Re-ranking results based on aspect detection using the UMLS are presented in Table 6 and 7. As we can see, when the UMLS is used for aspect detection, performance improvements can be obtained in terms of Aspect MAP and Passage2 MAP. However, Passage MAP and Document MAP may decrease on some baselines. We also find that, compared with aspect detection using the UMLS, aspect detection based on Wikipedia can achieve more significant and more stable performance improvements. This is because the enriched entity pages in Wikipedia could result in a better mapping between terms in biomedical text and concepts. Moreover, instead of only providing hierarchical relationships (synonyms, hypernyms, hyponyms) among biomedical concepts like the UMLS, plenty of Wikipedia links and anchor texts can also provide more natural relationships among Wikipedia concepts.

Table 6 Re-ranking performance on 2007’s topics with aspect detection using UMLS
Table 7 Re-ranking performance on 2006’s topics with aspect detection using UMLS

Comparison with the subtopic retrieval method

The subtopic retrieval method proposed by Zhai et al. in [5] combined relevance scores from a retrieval baseline with novelty scores from the mixture model using a cost-based method. Their work was based on the maximum marginal relevance (MMR) ranking function [3] and argued for the value of diversity. The subtopic retrieval method was shown to be effective in promoting diversity in the ranked list [5]. In order to further evaluate the proposed approach, we compare it with the subtopic retrieval method.

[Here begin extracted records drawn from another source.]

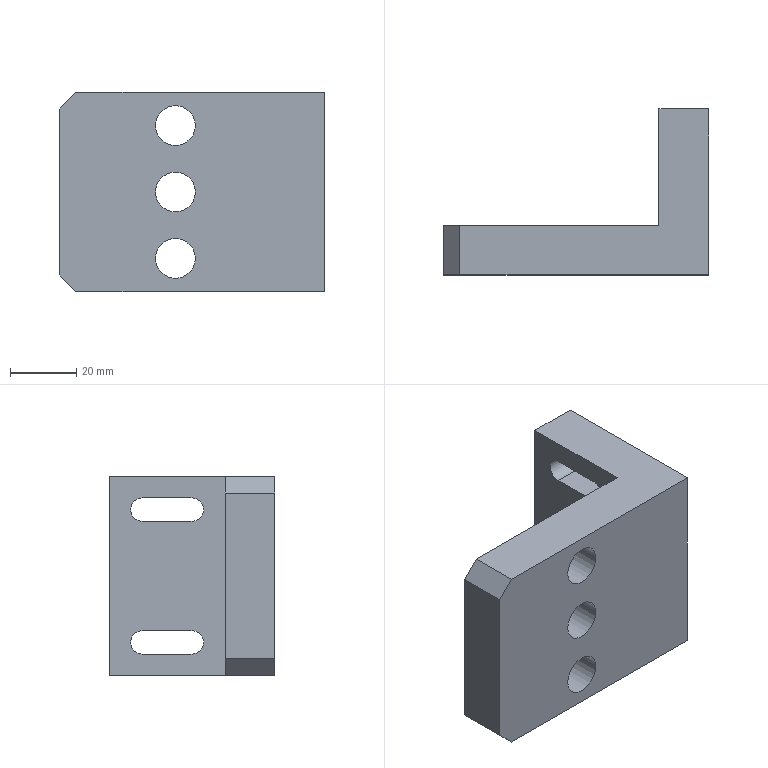Component | SolidWorks | ElectricalBoxAssembly2-1_AuxiliaryWheelAdjustmentSeat-1 | 1 solid | 24 faces | box 80 x 50 x 60 mm | volume 93731 mm3 | plane 14 | cylinder 10 | commonest cylinder face diameters 12 x6 7 x4
build123d program:
from build123d import *

# Parameters (mm, degrees)
BOSS_EXTRUDE1_DEPTH = 30
CUT_EXTRUDE1_DEPTH  = 88.321
SKETCH7_R           = 6
CUT_EXTRUDE2_DEPTH  = 93.331
CHAMFER1_SIZE       = 5


with BuildPart() as part:
    # Sketch1 → Boss-Extrude1 (new, symmetric)
    with BuildSketch(Plane.XY):
        Polygon((0, 0), (0, -50), (80, -50), (80, -35), (15, -35), (15, 0), align=None)
    extrude(amount=BOSS_EXTRUDE1_DEPTH, both=True)

    # Sketch2 → Cut-Extrude1 (cut, through all)
    with BuildSketch(Plane(origin=(15, 0, 0), x_dir=(0, 0, -1), z_dir=(1, 0, 0))):
        with BuildLine():
            Line((-16.5, -10), (-16.5, -25))
            ThreePointArc((-16.5, -25), (-20, -28.5), (-23.5, -25))
            Line((-23.5, -25), (-23.5, -10))
            ThreePointArc((-23.5, -10), (-20, -6.5), (-16.5, -10))
        make_face()
        with BuildLine():
            Line((23.5, -10), (23.5, -25))
            ThreePointArc((23.5, -25), (20, -28.5), (16.5, -25))
            Line((16.5, -25), (16.5, -10))
            ThreePointArc((16.5, -10), (20, -6.5), (23.5, -10))
        make_face()
    extrude(amount=-CUT_EXTRUDE1_DEPTH, mode=Mode.SUBTRACT)

    # Sketch7 → Cut-Extrude2 (cut, through all)
    with BuildSketch(Plane(origin=(0, -35, 0), x_dir=(1, 0, 0), z_dir=(0, 1, 0))):
        with Locations(Location((45, 20, 0), (0, 0, 180))):
            Circle(SKETCH7_R)
        with Locations(Location((45, -20, 0), (0, 0, 180))):
            Circle(SKETCH7_R)
        with Locations(Location((45, 0, 0), (0, 0, 180))):
            Circle(SKETCH7_R)
    extrude(amount=-CUT_EXTRUDE2_DEPTH, mode=Mode.SUBTRACT)

    # Chamfer1
    chamfer1_edges = [part.edges().sort_by_distance(p)[0] for p in [
        (80, -42.5, 30),
        (80, -42.5, -30),
    ]]
    chamfer(chamfer1_edges, length=CHAMFER1_SIZE)


solid = part.part

# Placed as in the assembly
solid = solid.moved(Location((755.468, 489.666, 1526.399), (-180, 0, 180)))
STEP:
#1=CARTESIAN_POINT('',(27.735,17.31,59.307));
#2=VERTEX_POINT('',#1);
#3=CARTESIAN_POINT('',(28.207,17.31,59.307));
#4=VERTEX_POINT('',#3);
#5=CARTESIAN_POINT('',(27.971,17.31,59.307));
#6=DIRECTION('',(-0.,1.,-0.));
#7=DIRECTION('',(1.,0.,0.));
#8=AXIS2_PLACEMENT_3D('',#5,#6,#7);
#9=CIRCLE('',#8,0.2362);
#10=EDGE_CURVE('',#2,#4,#9,.T.);
#11=ORIENTED_EDGE('',*,*,#10,.F.);
#12=CARTESIAN_POINT('',(27.735,17.9,59.307));
#13=VERTEX_POINT('',#12);
#14=CARTESIAN_POINT('',(27.735,17.31,59.307));
#15=DIRECTION('',(-0.,1.,-0.));
#16=VECTOR('',#15,39.37);
#17=LINE('',#14,#16);
#18=EDGE_CURVE('',#2,#13,#17,.T.);
#19=ORIENTED_EDGE('',*,*,#18,.T.);
#20=CARTESIAN_POINT('',(28.207,17.9,59.307));
#21=VERTEX_POINT('',#20);
#22=CARTESIAN_POINT('',(27.971,17.9,59.307));
#23=DIRECTION('',(-0.,1.,-0.));
#24=DIRECTION('',(1.,0.,0.));
#25=AXIS2_PLACEMENT_3D('',#22,#23,#24);
#26=CIRCLE('',#25,0.2362);
#27=EDGE_CURVE('',#13,#21,#26,.T.);
#28=ORIENTED_EDGE('',*,*,#27,.T.);
#29=CARTESIAN_POINT('',(28.207,17.31,59.307));
#30=DIRECTION('',(-0.,1.,-0.));
#31=VECTOR('',#30,39.37);
#32=LINE('',#29,#31);
#33=EDGE_CURVE('',#4,#21,#32,.T.);
#34=ORIENTED_EDGE('',*,*,#33,.F.);
#35=EDGE_LOOP('',(#11,#19,#28,#34));
#36=FACE_OUTER_BOUND('',#35,.T.);
#37=CARTESIAN_POINT('',(27.971,17.31,59.307));
#38=DIRECTION('',(-0.,1.,-0.));
#39=DIRECTION('',(1.,0.,0.));
#40=AXIS2_PLACEMENT_3D('',#37,#38,#39);
#41=CYLINDRICAL_SURFACE('',#40,0.2362);
#42=ADVANCED_FACE('',(#36),#41,.F.);
#43=CARTESIAN_POINT('',(27.735,17.31,60.094));
#44=VERTEX_POINT('',#43);
#45=CARTESIAN_POINT('',(28.207,17.31,60.094));
#46=VERTEX_POINT('',#45);
#47=CARTESIAN_POINT('',(27.971,17.31,60.094));
#48=DIRECTION('',(-0.,1.,-0.));
#49=DIRECTION('',(1.,0.,0.));
#50=AXIS2_PLACEMENT_3D('',#47,#48,#49);
#51=CIRCLE('',#50,0.2362);
#52=EDGE_CURVE('',#44,#46,#51,.T.);
#53=ORIENTED_EDGE('',*,*,#52,.F.);
#54=CARTESIAN_POINT('',(27.735,17.9,60.094));
#55=VERTEX_POINT('',#54);
#56=CARTESIAN_POINT('',(27.735,17.31,60.094));
#57=DIRECTION('',(-0.,1.,-0.));
#58=VECTOR('',#57,39.37);
#59=LINE('',#56,#58);
#60=EDGE_CURVE('',#44,#55,#59,.T.);
#61=ORIENTED_EDGE('',*,*,#60,.T.);
#62=CARTESIAN_POINT('',(28.207,17.9,60.094));
#63=VERTEX_POINT('',#62);
#64=CARTESIAN_POINT('',(27.971,17.9,60.094));
#65=DIRECTION('',(-0.,1.,-0.));
#66=DIRECTION('',(1.,0.,0.));
#67=AXIS2_PLACEMENT_3D('',#64,#65,#66);
#68=CIRCLE('',#67,0.2362);
#69=EDGE_CURVE('',#55,#63,#68,.T.);
#70=ORIENTED_EDGE('',*,*,#69,.T.);
#71=CARTESIAN_POINT('',(28.207,17.31,60.094));
#72=DIRECTION('',(-0.,1.,-0.));
#73=VECTOR('',#72,39.37);
#74=LINE('',#71,#73);
#75=EDGE_CURVE('',#46,#63,#74,.T.);
#76=ORIENTED_EDGE('',*,*,#75,.F.);
#77=EDGE_LOOP('',(#53,#61,#70,#76));
#78=FACE_OUTER_BOUND('',#77,.T.);
#79=CARTESIAN_POINT('',(27.971,17.31,60.094));
#80=DIRECTION('',(-0.,1.,-0.));
#81=DIRECTION('',(1.,0.,0.));
#82=AXIS2_PLACEMENT_3D('',#79,#80,#81);
#83=CYLINDRICAL_SURFACE('',#82,0.2362);
#84=ADVANCED_FACE('',(#78),#83,.F.);
#85=CARTESIAN_POINT('',(27.735,17.31,60.882));
#86=VERTEX_POINT('',#85);
#87=CARTESIAN_POINT('',(28.207,17.31,60.882));
#88=VERTEX_POINT('',#87);
#89=CARTESIAN_POINT('',(27.971,17.31,60.882));
#90=DIRECTION('',(-0.,1.,-0.));
#91=DIRECTION('',(1.,0.,0.));
#92=AXIS2_PLACEMENT_3D('',#89,#90,#91);
#93=CIRCLE('',#92,0.2362);
#94=EDGE_CURVE('',#86,#88,#93,.T.);
#95=ORIENTED_EDGE('',*,*,#94,.F.);
#96=CARTESIAN_POINT('',(27.735,17.9,60.882));
#97=VERTEX_POINT('',#96);
#98=CARTESIAN_POINT('',(27.735,17.31,60.882));
#99=DIRECTION('',(-0.,1.,-0.));
#100=VECTOR('',#99,39.37);
#101=LINE('',#98,#100);
#102=EDGE_CURVE('',#86,#97,#101,.T.);
#103=ORIENTED_EDGE('',*,*,#102,.T.);
#104=CARTESIAN_POINT('',(28.207,17.9,60.882));
#105=VERTEX_POINT('',#104);
#106=CARTESIAN_POINT('',(27.971,17.9,60.882));
#107=DIRECTION('',(-0.,1.,-0.));
#108=DIRECTION('',(1.,0.,0.));
#109=AXIS2_PLACEMENT_3D('',#106,#107,#108);
#110=CIRCLE('',#109,0.2362);
#111=EDGE_CURVE('',#97,#105,#110,.T.);
#112=ORIENTED_EDGE('',*,*,#111,.T.);
#113=CARTESIAN_POINT('',(28.207,17.31,60.882));
#114=DIRECTION('',(-0.,1.,-0.));
#115=VECTOR('',#114,39.37);
#116=LINE('',#113,#115);
#117=EDGE_CURVE('',#88,#105,#116,.T.);
#118=ORIENTED_EDGE('',*,*,#117,.F.);
#119=EDGE_LOOP('',(#95,#103,#112,#118));
#120=FACE_OUTER_BOUND('',#119,.T.);
#121=CARTESIAN_POINT('',(27.971,17.31,60.882));
#122=DIRECTION('',(-0.,1.,-0.));
#123=DIRECTION('',(1.,0.,0.));
#124=AXIS2_PLACEMENT_3D('',#121,#122,#123);
#125=CYLINDRICAL_SURFACE('',#124,0.2362);
#126=ADVANCED_FACE('',(#120),#125,.F.);
#127=CARTESIAN_POINT('',(29.152,19.278,61.276));
#128=VERTEX_POINT('',#127);
#129=CARTESIAN_POINT('',(29.743,19.278,61.276));
#130=VERTEX_POINT('',#129);
#131=CARTESIAN_POINT('',(29.152,19.278,61.276));
#132=DIRECTION('',(1.,0.,0.));
#133=VECTOR('',#132,39.37);
#134=LINE('',#131,#133);
#135=EDGE_CURVE('',#128,#130,#134,.T.);
#136=ORIENTED_EDGE('',*,*,#135,.T.);
#137=CARTESIAN_POINT('',(29.743,19.278,58.913));
#138=VERTEX_POINT('',#137);
#139=CARTESIAN_POINT('',(29.743,19.278,58.913));
#140=DIRECTION('',(-0.,0.,1.));
#141=VECTOR('',#140,39.37);
#142=LINE('',#139,#141);
#143=EDGE_CURVE('',#138,#130,#142,.T.);
#144=ORIENTED_EDGE('',*,*,#143,.F.);
#145=CARTESIAN_POINT('',(29.152,19.278,58.913));
#146=VERTEX_POINT('',#145);
#147=CARTESIAN_POINT('',(29.152,19.278,58.913));
#148=DIRECTION('',(1.,0.,0.));
#149=VECTOR('',#148,39.37);
#150=LINE('',#147,#149);
#151=EDGE_CURVE('',#146,#138,#150,.T.);
#152=ORIENTED_EDGE('',*,*,#151,.F.);
#153=CARTESIAN_POINT('',(29.152,19.278,58.913));
#154=DIRECTION('',(-0.,0.,1.));
#155=VECTOR('',#154,39.37);
#156=LINE('',#153,#155);
#157=EDGE_CURVE('',#146,#128,#156,.T.);
#158=ORIENTED_EDGE('',*,*,#157,.T.);
#159=EDGE_LOOP('',(#136,#144,#152,#158));
#160=FACE_OUTER_BOUND('',#159,.T.);
#161=CARTESIAN_POINT('',(29.152,19.278,58.913));
#162=DIRECTION('',(0.,-1.,0.));
#163=DIRECTION('',(-1.,-0.,-0.));
#164=AXIS2_PLACEMENT_3D('',#161,#162,#163);
#165=PLANE('',#164);
#166=ADVANCED_FACE('',(#160),#165,.F.);
#167=CARTESIAN_POINT('',(29.743,18.294,61.02));
#168=VERTEX_POINT('',#167);
#169=CARTESIAN_POINT('',(29.743,18.884,61.02));
#170=VERTEX_POINT('',#169);
#171=CARTESIAN_POINT('',(29.743,18.884,61.02));
#172=DIRECTION('',(-0.,1.,-0.));
#173=VECTOR('',#172,39.37);
#174=LINE('',#171,#173);
#175=EDGE_CURVE('',#168,#170,#174,.T.);
#176=ORIENTED_EDGE('',*,*,#175,.T.);
#177=CARTESIAN_POINT('',(29.743,18.884,60.744));
#178=VERTEX_POINT('',#177);
#179=CARTESIAN_POINT('',(29.743,18.884,60.882));
#180=DIRECTION('',(-1.,-0.,-0.));
#181=DIRECTION('',(0.,0.,1.));
#182=AXIS2_PLACEMENT_3D('',#179,#180,#181);
#183=CIRCLE('',#182,0.1378);
#184=EDGE_CURVE('',#170,#178,#183,.T.);
#185=ORIENTED_EDGE('',*,*,#184,.T.);
#186=CARTESIAN_POINT('',(29.743,18.294,60.744));
#187=VERTEX_POINT('',#186);
#188=CARTESIAN_POINT('',(29.743,18.884,60.744));
#189=DIRECTION('',(0.,-1.,0.));
#190=VECTOR('',#189,39.37);
#191=LINE('',#188,#190);
#192=EDGE_CURVE('',#178,#187,#191,.T.);
#193=ORIENTED_EDGE('',*,*,#192,.T.);
#194=CARTESIAN_POINT('',(29.743,18.294,60.882));
#195=DIRECTION('',(-1.,-0.,-0.));
#196=DIRECTION('',(0.,0.,1.));
#197=AXIS2_PLACEMENT_3D('',#194,#195,#196);
#198=CIRCLE('',#197,0.1378);
#199=EDGE_CURVE('',#187,#168,#198,.T.);
#200=ORIENTED_EDGE('',*,*,#199,.T.);
#201=EDGE_LOOP('',(#176,#185,#193,#200));
#202=FACE_BOUND('',#201,.T.);
#203=CARTESIAN_POINT('',(29.743,18.294,59.445));
#204=VERTEX_POINT('',#203);
#205=CARTESIAN_POINT('',(29.743,18.884,59.445));
#206=VERTEX_POINT('',#205);
#207=CARTESIAN_POINT('',(29.743,18.884,59.445));
#208=DIRECTION('',(-0.,1.,-0.));
#209=VECTOR('',#208,39.37);
#210=LINE('',#207,#209);
#211=EDGE_CURVE('',#204,#206,#210,.T.);
#212=ORIENTED_EDGE('',*,*,#211,.T.);
#213=CARTESIAN_POINT('',(29.743,18.884,59.169));
#214=VERTEX_POINT('',#213);
#215=CARTESIAN_POINT('',(29.743,18.884,59.307));
#216=DIRECTION('',(-1.,-0.,-0.));
#217=DIRECTION('',(0.,0.,1.));
#218=AXIS2_PLACEMENT_3D('',#215,#216,#217);
#219=CIRCLE('',#218,0.1378);
#220=EDGE_CURVE('',#206,#214,#219,.T.);
#221=ORIENTED_EDGE('',*,*,#220,.T.);
#222=CARTESIAN_POINT('',(29.743,18.294,59.169));
#223=VERTEX_POINT('',#222);
#224=CARTESIAN_POINT('',(29.743,18.884,59.169));
#225=DIRECTION('',(0.,-1.,0.));
#226=VECTOR('',#225,39.37);
#227=LINE('',#224,#226);
#228=EDGE_CURVE('',#214,#223,#227,.T.);
#229=ORIENTED_EDGE('',*,*,#228,.T.);
#230=CARTESIAN_POINT('',(29.743,18.294,59.307));
#231=DIRECTION('',(-1.,-0.,-0.));
#232=DIRECTION('',(0.,0.,1.));
#233=AXIS2_PLACEMENT_3D('',#230,#231,#232);
#234=CIRCLE('',#233,0.1378);
#235=EDGE_CURVE('',#223,#204,#234,.T.);
#236=ORIENTED_EDGE('',*,*,#235,.T.);
#237=EDGE_LOOP('',(#212,#221,#229,#236));
#238=FACE_BOUND('',#237,.T.);
#239=CARTESIAN_POINT('',(29.743,17.31,61.276));
#240=VERTEX_POINT('',#239);
#241=CARTESIAN_POINT('',(29.743,19.278,61.276));
#242=DIRECTION('',(0.,-1.,0.));
#243=VECTOR('',#242,39.37);
#244=LINE('',#241,#243);
#245=EDGE_CURVE('',#130,#240,#244,.T.);
#246=ORIENTED_EDGE('',*,*,#245,.T.);
#247=CARTESIAN_POINT('',(29.743,17.31,58.913));
#248=VERTEX_POINT('',#247);
#249=CARTESIAN_POINT('',(29.743,17.31,58.913));
#250=DIRECTION('',(-0.,0.,1.));
#251=VECTOR('',#250,39.37);
#252=LINE('',#249,#251);
#253=EDGE_CURVE('',#248,#240,#252,.T.);
#254=ORIENTED_EDGE('',*,*,#253,.F.);
#255=CARTESIAN_POINT('',(29.743,19.278,58.913));
#256=DIRECTION('',(0.,-1.,0.));
#257=VECTOR('',#256,39.37);
#258=LINE('',#255,#257);
#259=EDGE_CURVE('',#138,#248,#258,.T.);
#260=ORIENTED_EDGE('',*,*,#259,.F.);
#261=ORIENTED_EDGE('',*,*,#143,.T.);
#262=EDGE_LOOP('',(#246,#254,#260,#261));
#263=FACE_OUTER_BOUND('',#262,.T.);
#264=CARTESIAN_POINT('',(29.743,19.278,58.913));
#265=DIRECTION('',(-1.,-0.,-0.));
#266=DIRECTION('',(-0.,1.,-0.));
#267=AXIS2_PLACEMENT_3D('',#264,#265,#266);
#268=PLANE('',#267);
#269=ADVANCED_FACE('',(#202,#238,#263),#268,.F.);
#270=CARTESIAN_POINT('',(27.971,17.31,59.307));
#271=DIRECTION('',(-0.,1.,-0.));
#272=DIRECTION('',(1.,0.,0.));
#273=AXIS2_PLACEMENT_3D('',#270,#271,#272);
#274=CIRCLE('',#273,0.2362);
#275=EDGE_CURVE('',#4,#2,#274,.T.);
#276=ORIENTED_EDGE('',*,*,#275,.T.);
#277=ORIENTED_EDGE('',*,*,#10,.T.);
#278=EDGE_LOOP('',(#276,#277));
#279=FACE_BOUND('',#278,.T.);
#280=CARTESIAN_POINT('',(27.971,17.31,60.094));
#281=DIRECTION('',(-0.,1.,-0.));
#282=DIRECTION('',(1.,0.,0.));
#283=AXIS2_PLACEMENT_3D('',#280,#281,#282);
#284=CIRCLE('',#283,0.2362);
#285=EDGE_CURVE('',#46,#44,#284,.T.);
#286=ORIENTED_EDGE('',*,*,#285,.T.);
#287=ORIENTED_EDGE('',*,*,#52,.T.);
#288=EDGE_LOOP('',(#286,#287));
#289=FACE_BOUND('',#288,.T.);
#290=CARTESIAN_POINT('',(27.971,17.31,60.882));
#291=DIRECTION('',(-0.,1.,-0.));
#292=DIRECTION('',(1.,0.,0.));
#293=AXIS2_PLACEMENT_3D('',#290,#291,#292);
#294=CIRCLE('',#293,0.2362);
#295=EDGE_CURVE('',#88,#86,#294,.T.);
#296=ORIENTED_EDGE('',*,*,#295,.T.);
#297=ORIENTED_EDGE('',*,*,#94,.T.);
#298=EDGE_LOOP('',(#296,#297));
#299=FACE_BOUND('',#298,.T.);
#300=CARTESIAN_POINT('',(26.593,17.31,59.11));
#301=VERTEX_POINT('',#300);
#302=CARTESIAN_POINT('',(26.593,17.31,61.079));
#303=VERTEX_POINT('',#302);
#304=CARTESIAN_POINT('',(26.593,17.31,58.913));
#305=DIRECTION('',(-0.,0.,1.));
#306=VECTOR('',#305,39.37);
#307=LINE('',#304,#306);
#308=EDGE_CURVE('',#301,#303,#307,.T.);
#309=ORIENTED_EDGE('',*,*,#308,.F.);
#310=CARTESIAN_POINT('',(26.79,17.31,58.913));
#311=VERTEX_POINT('',#310);
#312=CARTESIAN_POINT('',(26.79,17.31,58.913));
#313=DIRECTION('',(0.7071,0.,-0.7071));
#314=VECTOR('',#313,39.37);
#315=LINE('',#312,#314);
#316=EDGE_CURVE('',#301,#311,#315,.T.);
#317=ORIENTED_EDGE('',*,*,#316,.T.);
#318=CARTESIAN_POINT('',(29.743,17.31,58.913));
#319=DIRECTION('',(-1.,-0.,-0.));
#320=VECTOR('',#319,39.37);
#321=LINE('',#318,#320);
#322=EDGE_CURVE('',#248,#311,#321,.T.);
#323=ORIENTED_EDGE('',*,*,#322,.F.);
#324=ORIENTED_EDGE('',*,*,#253,.T.);
#325=CARTESIAN_POINT('',(26.79,17.31,61.276));
#326=VERTEX_POINT('',#325);
#327=CARTESIAN_POINT('',(29.743,17.31,61.276));
#328=DIRECTION('',(-1.,-0.,-0.));
#329=VECTOR('',#328,39.37);
#330=LINE('',#327,#329);
#331=EDGE_CURVE('',#240,#326,#330,.T.);
#332=ORIENTED_EDGE('',*,*,#331,.T.);
#333=CARTESIAN_POINT('',(26.593,17.31,61.079));
#334=DIRECTION('',(-0.7071,-0.,-0.7071));
#335=VECTOR('',#334,39.37);
#336=LINE('',#333,#335);
#337=EDGE_CURVE('',#326,#303,#336,.T.);
#338=ORIENTED_EDGE('',*,*,#337,.T.);
#339=EDGE_LOOP('',(#309,#317,#323,#324,#332,#338));
#340=FACE_OUTER_BOUND('',#339,.T.);
#341=CARTESIAN_POINT('',(29.743,17.31,58.913));
#342=DIRECTION('',(-0.,1.,-0.));
#343=DIRECTION('',(0.,-0.,-1.));
#344=AXIS2_PLACEMENT_3D('',#341,#342,#343);
#345=PLANE('',#344);
#346=ADVANCED_FACE('',(#279,#289,#299,#340),#345,.F.);
#347=CARTESIAN_POINT('',(26.593,17.9,59.11));
#348=VERTEX_POINT('',#347);
#349=CARTESIAN_POINT('',(26.593,17.9,61.079));
#350=VERTEX_POINT('',#349);
#351=CARTESIAN_POINT('',(26.593,17.9,58.913));
#352=DIRECTION('',(-0.,0.,1.));
#353=VECTOR('',#352,39.37);
#354=LINE('',#351,#353);
#355=EDGE_CURVE('',#348,#350,#354,.T.);
#356=ORIENTED_EDGE('',*,*,#355,.F.);
#357=CARTESIAN_POINT('',(26.593,17.31,59.11));
#358=DIRECTION('',(0.,-1.,0.));
#359=VECTOR('',#358,39.37);
#360=LINE('',#357,#359);
#361=EDGE_CURVE('',#348,#301,#360,.T.);
#362=ORIENTED_EDGE('',*,*,#361,.T.);
#363=ORIENTED_EDGE('',*,*,#308,.T.);
#364=CARTESIAN_POINT('',(26.593,17.31,61.079));
#365=DIRECTION('',(-0.,1.,-0.));
#366=VECTOR('',#365,39.37);
#367=LINE('',#364,#366);
#368=EDGE_CURVE('',#303,#350,#367,.T.);
#369=ORIENTED_EDGE('',*,*,#368,.T.);
#370=EDGE_LOOP('',(#356,#362,#363,#369));
#371=FACE_OUTER_BOUND('',#370,.T.);
#372=CARTESIAN_POINT('',(26.593,17.31,58.913));
#373=DIRECTION('',(1.,0.,0.));
#374=DIRECTION('',(0.,-0.,-1.));
#375=AXIS2_PLACEMENT_3D('',#372,#373,#374);
#376=PLANE('',#375);
#377=ADVANCED_FACE('',(#371),#376,.F.);
#378=CARTESIAN_POINT('',(27.971,17.9,59.307));
#379=DIRECTION('',(-0.,1.,-0.));
#380=DIRECTION('',(1.,0.,0.));
#381=AXIS2_PLACEMENT_3D('',#378,#379,#380);
#382=CIRCLE('',#381,0.2362);
#383=EDGE_CURVE('',#21,#13,#382,.T.);
#384=ORIENTED_EDGE('',*,*,#383,.F.);
#385=ORIENTED_EDGE('',*,*,#27,.F.);
#386=EDGE_LOOP('',(#384,#385));
#387=FACE_BOUND('',#386,.T.);
#388=CARTESIAN_POINT('',(27.971,17.9,60.094));
#389=DIRECTION('',(-0.,1.,-0.));
#390=DIRECTION('',(1.,0.,0.));
#391=AXIS2_PLACEMENT_3D('',#388,#389,#390);
#392=CIRCLE('',#391,0.2362);
#393=EDGE_CURVE('',#63,#55,#392,.T.);
#394=ORIENTED_EDGE('',*,*,#393,.F.);
#395=ORIENTED_EDGE('',*,*,#69,.F.);
#396=EDGE_LOOP('',(#394,#395));
#397=FACE_BOUND('',#396,.T.);
#398=CARTESIAN_POINT('',(27.971,17.9,60.882));
#399=DIRECTION('',(-0.,1.,-0.));
#400=DIRECTION('',(1.,0.,0.));
#401=AXIS2_PLACEMENT_3D('',#398,#399,#400);
#402=CIRCLE('',#401,0.2362);
#403=EDGE_CURVE('',#105,#97,#402,.T.);
#404=ORIENTED_EDGE('',*,*,#403,.F.);
#405=ORIENTED_EDGE('',*,*,#111,.F.);
#406=EDGE_LOOP('',(#404,#405));
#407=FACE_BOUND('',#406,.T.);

The comparison results shown in Figure 5 and 6 illustrate that our approach outperforms the subtopic retrieval method on three levels retrieval. The advantage of our approach is more significant in terms of Aspect MAP. This indicates that our approach is more effective in promoting ranking diversity for biomedical IR. In our approach, aspects covered by retrieved documents are presented by corresponding Wikipedia concepts. On the other hand, the MMR method employs text similarity as the novelty measure, which uses terms in the retrieved documents to compute document novelty. Because of the frequent use of (possibly non-standardized) acronyms, the presence of homonyms and synonyms in biomedical literatures, using Wikipedia (with enriched contexts provided by entity pages) to detect aspects and presenting them with Wikipedia concepts could result in better biomedical IR performance.

Figure 5
figure 5

Comparison with the subtopic retrieval method on 2007’s topics. The x-axis presents the evaluation measures, where “NLM”, “MuM” and “Oka” in the left figure stand for three baselines corresponding to NLMinter, MuMshFd and Okapi07.

Figure 6
figure 6

Comparison with the subtopic retrieval method on 2006’s topics. The x-axis presents the evaluation measures, where “06a”, “06b” and “06c” in the right figure stand for three baselines corresponding to Okapi06a, Okapi06b and Okapi06c.

Conclusions

In this paper, we present a relevance-novelty combined model based on an undirected graphical model for promoting ranking diversity in genomics search. The proposed combination model, namely RelNov, models aspects, terms, topic relevance and document novelty as potential functions. Specifically, we propose a two-stage model for modeling aspect-term topic relevance and use the mixture model to measure aspect-term novelty. Experimental results demonstrate that the proposed approach is effective in promoting ranking diversity as well as in improving relevance of ranked lists for genomics search. The use of aspect also plays an important role in the model. Moreover, the proposed model is flexible enough, which can integrate various different relevance and novelty measures easily.